When adding a new figure or changing an existing one, follow the same pattern: declare an absolute viewport, per-element coordinates or a deterministic formula, and a hard-invariant check clause at the end of the description.

## Files in this skill

- `SKILL.md` - this file.
- `build_artifact.py` - Python script that calls Fireworks.
- `style_spec.json` - visual and structural spec (topic-agnostic).
- `templates/research_bundle_template.json` - empty template for new topics.
- `examples/agentic-engineering/` - reference 100-paper run (research_bundle.json + survey.html).

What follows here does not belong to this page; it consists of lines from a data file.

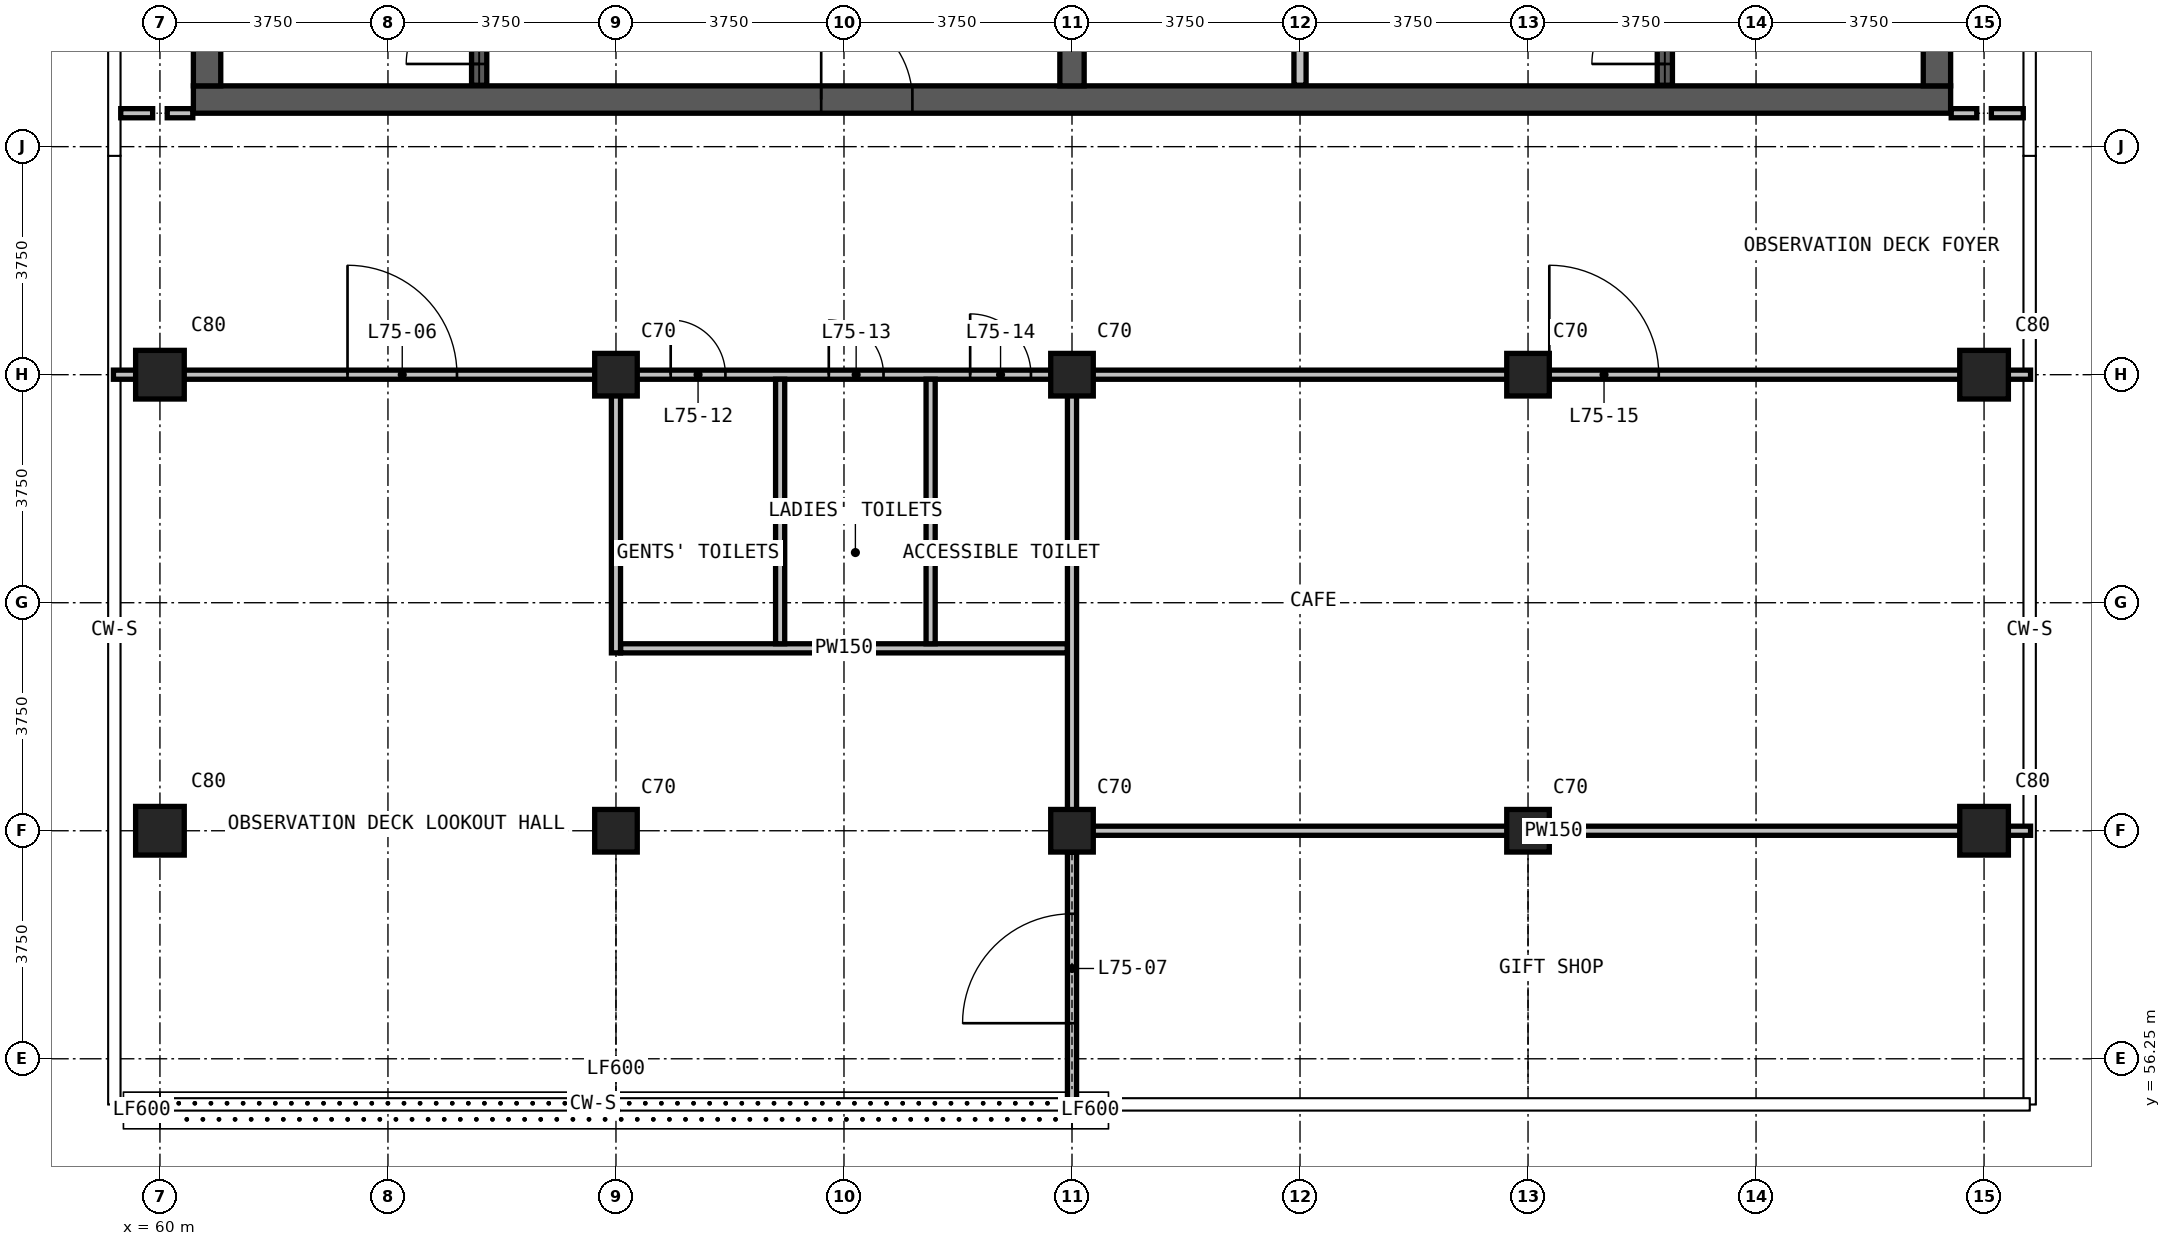
"""IFC4 building model, lengths in metres.
Left out: names, types, materials, properties, quantities, classifications, styles, units other than length and angle.
Written with IfcOpenShell. Run it as: python <this file> out.ifc"""

import sys

from ifc_helpers import new_model, si_unit, direction, frame, frame_2d, origin, origin_2d, place, context, subcontext, project, spatial, rectangle, extrude, element, fill, save


model = new_model("IFC4")
c1 = context("Model", 3, precision=1e-05, world=origin(), true_north=direction((0.0, 1.0)))
c2 = subcontext(c1, "Body", "Model", "MODEL_VIEW")
j1 = project(units=[si_unit("LENGTHUNIT", "METRE"), si_unit("PLANEANGLEUNIT", "RADIAN")], contexts=[c1])
p1 = place(None, origin())
s1 = spatial("IfcSite", under=j1, at=p1, CompositionType="ELEMENT")
p2 = place(p1, origin())
s2 = spatial("IfcBuilding", under=s1, at=p2, CompositionType="ELEMENT")
p3 = place(p2, frame((0.0, 0.0, 287.7)))
s3 = spatial("IfcBuildingStorey", under=s2, at=p3, CompositionType="ELEMENT", Elevation=287.7)
for number, where, z_axis, x_axis in (
    (1, (60.0, 60.0, 0.0), (0.0, 0.0, 1.0), (1.0, 0.0, 0.0)),
    (2, (60.0, 67.5, 0.0), (0.0, 0.0, 1.0), (1.0, 0.0, 0.0)),
):
    element("IfcColumn", number, at=place(p3, frame(where, z_axis=z_axis, x_axis=x_axis)), inside=s3, PredefinedType="COLUMN", context=c2, shape_type="SweptSolid", body=[
        extrude(rectangle(XDim=0.8, YDim=0.8, at=origin_2d()), origin(), (0.0, 0.0, 1.0), 5.0),
    ])
for number, where, z_axis, x_axis in (
    (3, (67.5, 60.0, 0.0), (0.0, 0.0, 1.0), (1.0, 0.0, 0.0)),
    (4, (67.5, 67.5, 0.0), (0.0, 0.0, 1.0), (1.0, 0.0, 0.0)),
    (5, (75.0, 60.0, 0.0), (0.0, 0.0, 1.0), (1.0, 0.0, 0.0)),
    (6, (75.0, 67.5, 0.0), (0.0, 0.0, 1.0), (1.0, 0.0, 0.0)),
    (7, (82.5, 60.0, 0.0), (0.0, 0.0, 1.0), (1.0, 0.0, 0.0)),
    (8, (82.5, 67.5, 0.0), (0.0, 0.0, 1.0), (1.0, 0.0, 0.0)),
):
    element("IfcColumn", number, at=place(p3, frame(where, z_axis=z_axis, x_axis=x_axis)), inside=s3, PredefinedType="COLUMN", context=c2, shape_type="SweptSolid", body=[
        extrude(rectangle(XDim=0.7, YDim=0.7, at=origin_2d()), origin(), (0.0, 0.0, 1.0), 5.0),
    ])
for number, where, z_axis, x_axis in (
    (9, (90.0, 60.0, 0.0), (0.0, 0.0, 1.0), (1.0, 0.0, 0.0)),
    (10, (90.0, 67.5, 0.0), (0.0, 0.0, 1.0), (1.0, 0.0, 0.0)),
):
    element("IfcColumn", number, at=place(p3, frame(where, z_axis=z_axis, x_axis=x_axis)), inside=s3, PredefinedType="COLUMN", context=c2, shape_type="SweptSolid", body=[
        extrude(rectangle(XDim=0.8, YDim=0.8, at=origin_2d()), origin(), (0.0, 0.0, 1.0), 5.0),
    ])
p4 = place(p3, frame((60.55, 72.025, 0.0), z_axis=(0.0, 0.0, 1.0), x_axis=(1.0, 0.0, 0.0)))
e11 = element("IfcWall", 11, at=p4, inside=s3, PredefinedType="SHEAR", context=c2, shape_type="SweptSolid", body=[
    extrude(rectangle(XDim=28.9, YDim=0.45, at=frame_2d((14.45, 0.0))), origin(), (0.0, 0.0, 1.0), 5.0),
])
p5 = place(p4, frame((10.325, 0.0, 0.0)))
e12 = element("IfcOpeningElement", 12, at=p5, cuts=e11, PredefinedType="OPENING", context=c2, shape_type="SweptSolid", body=[
    extrude(rectangle(XDim=1.5, YDim=2.2, at=frame_2d((0.75, 1.1))), frame((0.0, 0.235, 0.0), z_axis=(0.0, -1.0, 0.0), x_axis=(1.0, 0.0, 0.0)), (0.0, 0.0, 1.0), 0.47),
])
p6 = place(p3, frame((89.225, 72.25, 0.0), z_axis=(0.0, 0.0, 1.0), x_axis=(0.0, 1.0, 0.0)))
e13 = element("IfcWall", 13, at=p6, inside=s3, PredefinedType="SHEAR", context=c2, shape_type="SweptSolid", body=[
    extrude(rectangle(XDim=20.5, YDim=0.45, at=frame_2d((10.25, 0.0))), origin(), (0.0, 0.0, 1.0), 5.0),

## Hard rules the agent must follow

1. Never invent bibliography entries. Every cited paper must be a real work with a real venue.
2. Every section's `papers` array must reference keys in the bibliography.
3. Never edit the generated HTML. Iterate on `research_bundle.json` or `style_spec.json` and rerun.
4. Do not modify the hard rules in `style_spec.json.hard_rules_for_generation`.
5. Keep the style_spec topic-agnostic. Topic-specific content lives only in `research_bundle.json`.
6. Do not use em dashes or arrow symbols in the research bundle prose fields.


## Limitations

- Requires the upstream tool, account, API key, or local setup when the workflow names one.
- Does not authorize destructive, production, paid, or external-message actions without explicit user approval.
- Validate generated artifacts or recommendations against the user's real sources before treating them as final.